Recently, I've been working on partial and robust unrestricted natural language parsing with MT applications. I've been looking at robust, deep analysis of English captions (subtitles) in the financial news domain. One potential application of the research is in on-line automatic caption translation. This task requires high parsing efficiency both in terms of parse correctness and time. Another issue involved is high level of ambiguity that many parsing approaches lead to when applied to syntactically unrestricted text.
The approach is based on multi-level chart parsing with pruning to achieve efficiency and ambiguity reduction. The parser uses a broad coverage English grammar and lexicon with extensive subcategorization information and attachment preferences. The research is done in the context of the KANT system, but it doesn't assume any control of the input language. The coverage of the grammar is well illustrated by the on-line data to Czuba et al (1998). In a recent English-Chinese on-line caption translation feasibility study, the approach showed promising results. Currently I'm working on adding statistical information to the pruning algorithm. More can be found in Czuba (2000)

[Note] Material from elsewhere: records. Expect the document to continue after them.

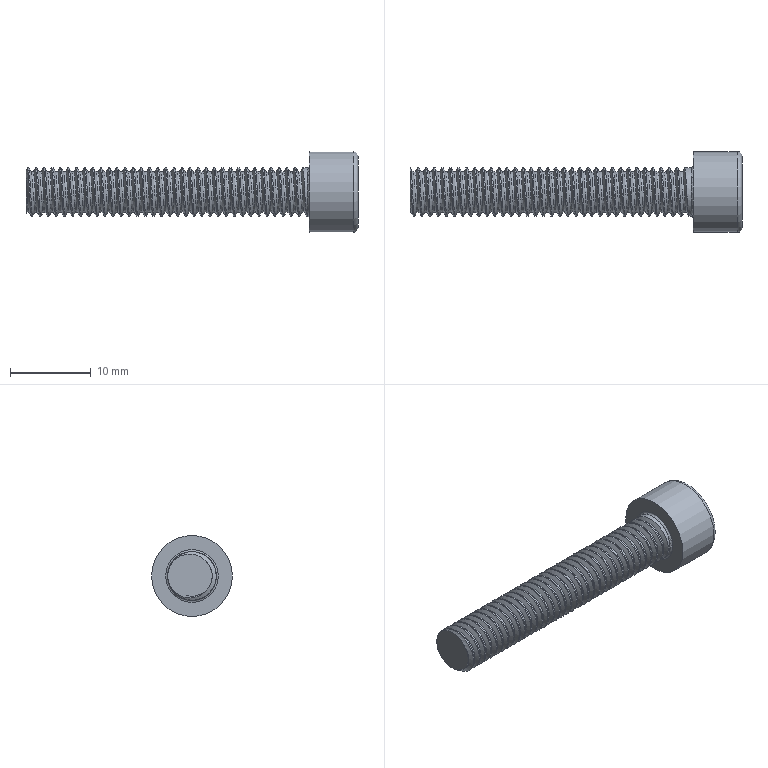Component | NX | M6X12_HEX_BOLT_12 | 1 solid | 30 faces | volume 1183 mm3 | plane 16 | cone 7 | cylinder 3 | torus 2 | spline 2 | commonest cylinder face diameters 6 x1 10 x1 5 x1
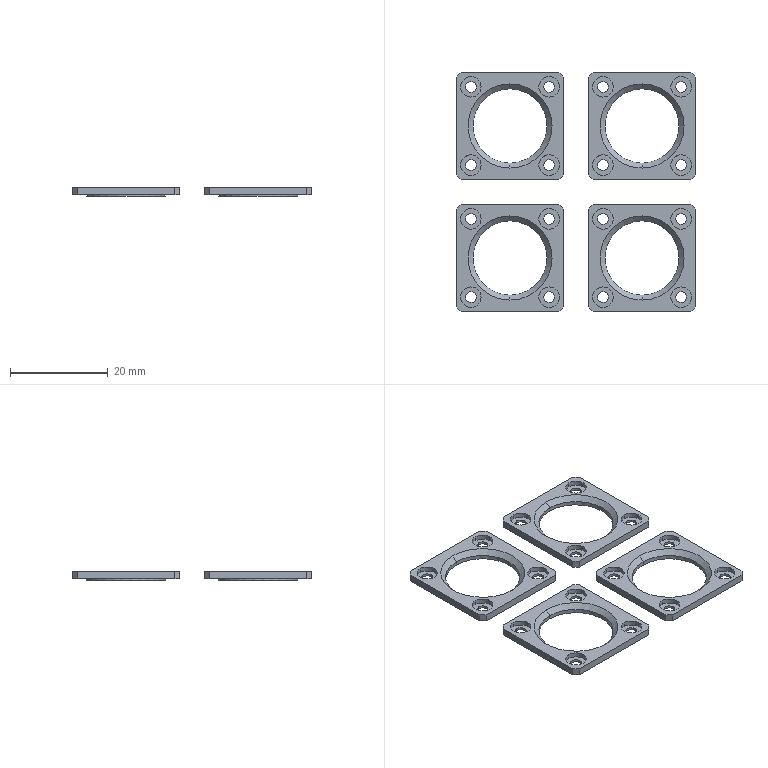CAM job | Mastercam | mm | 12 operations | part box 49 x 49 x 1.8
1. Contour (Ramp) | 1 - 6C
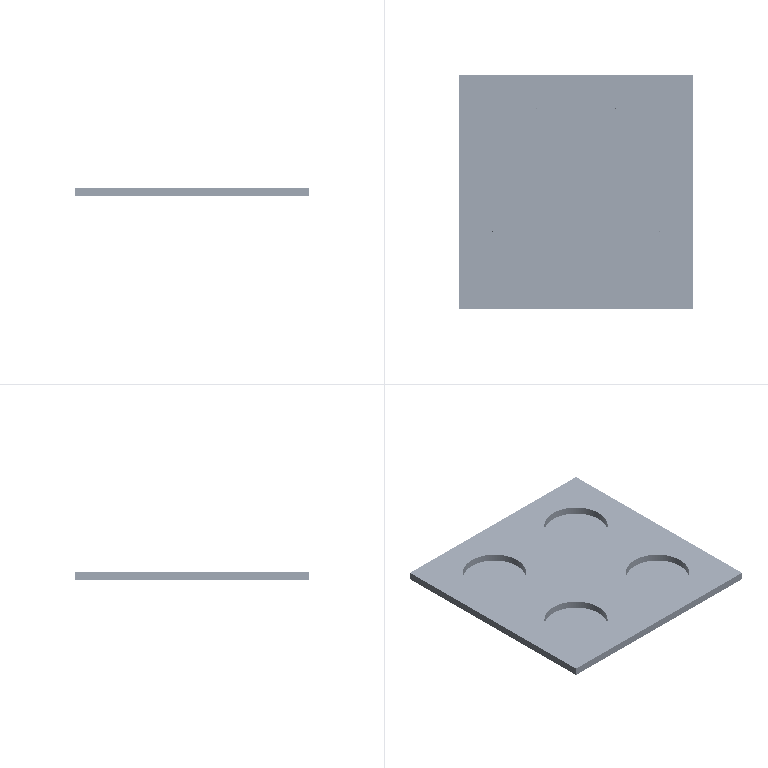2. Contour (2D) | 2 - 6J
3. Contour (Ramp) | 3 - 2C
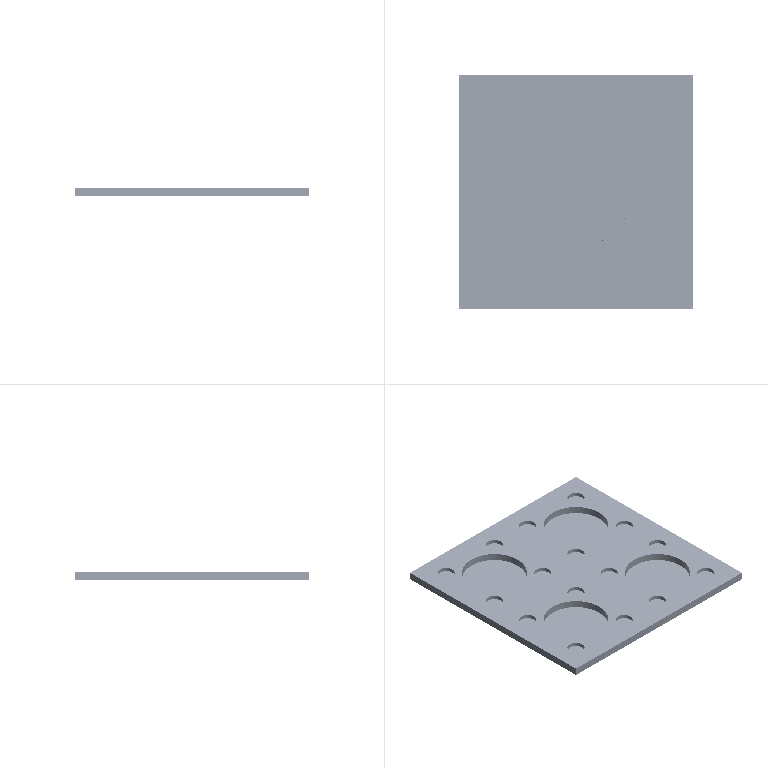4. Contour (Ramp) | 3 - 2C
5. Contour (2D) | 4 - 2J
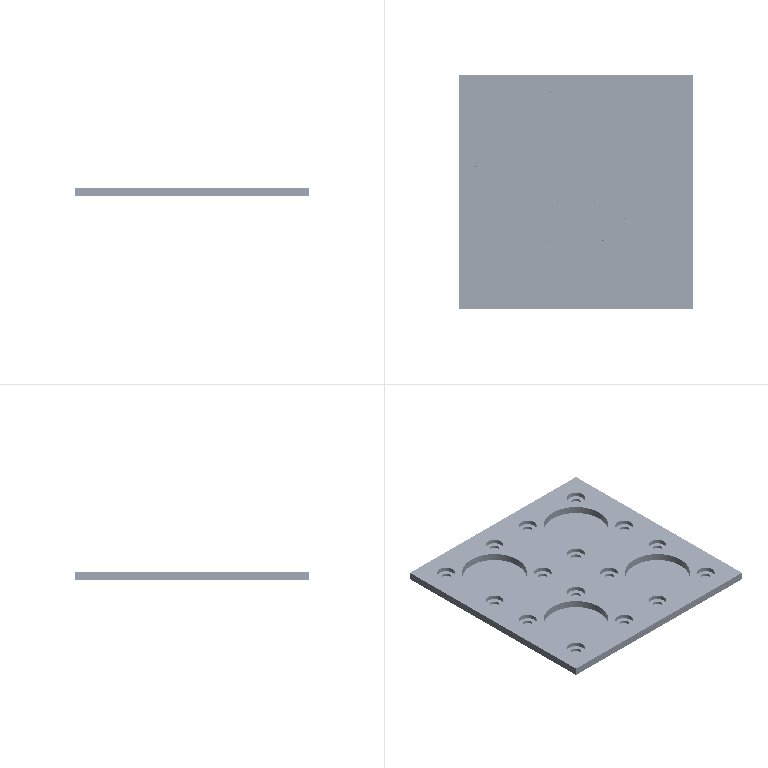6. Contour (2D) | 4 - 2J
7. Contour (2D chamfer) | 5 - 4 倒角刀
8. Contour (2D chamfer) | 5 - 4 倒角刀
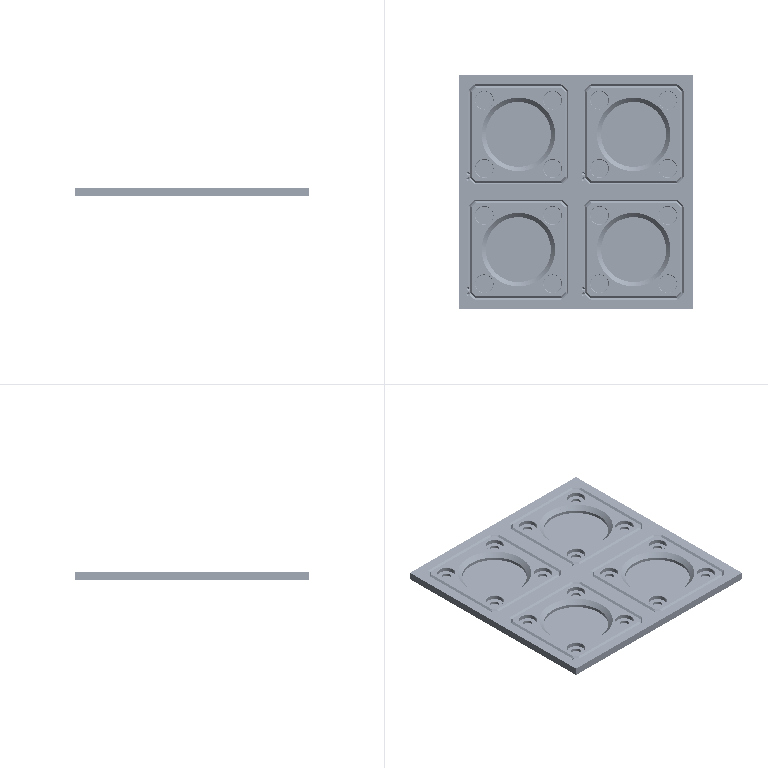9. Contour (Ramp) | 6 - 4C
10. Contour (2D) | 7 - 4J
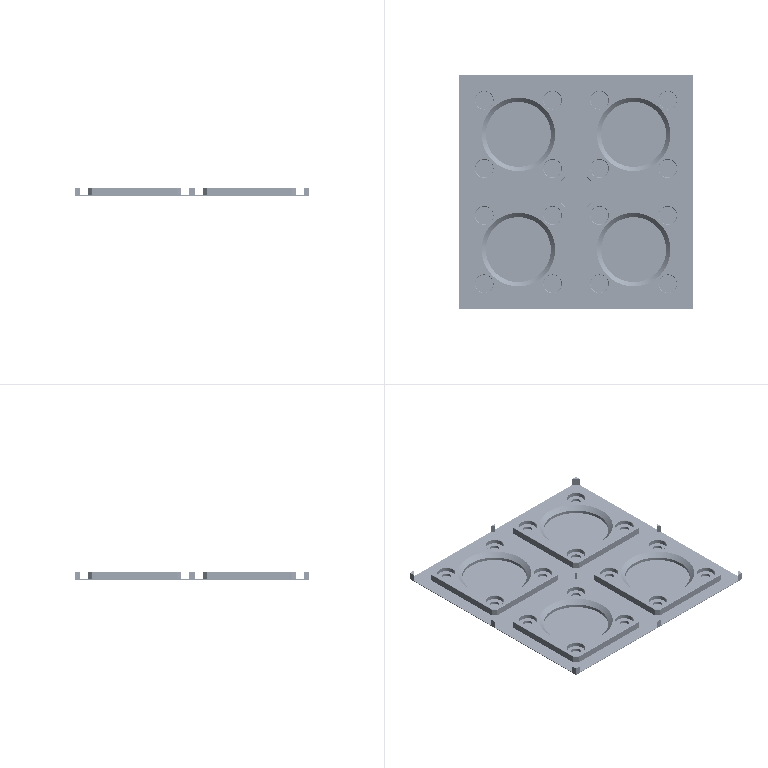11. 2D High Speed (2D Area Mill) | 7 - 4J
12. Model Chamfer | 5 - 4 倒角刀

I'm also interested in Translingual (Cross-Lingual) Information Retrieval, especially in corpus-based methods. See Czuba, Liu (1999) for results of experiments in using SYSTRAN to derive a bilingual aligned corpus for statistical TLIR. Currently, I'm investigating ways of harvesting bilingual corpora for TLIR from the Web.
My other interests include learning for NLP and neural approaches to NLP. I'm also interested in theoretical and formal linguistics and in what's happening in the world of LFG and HPSG.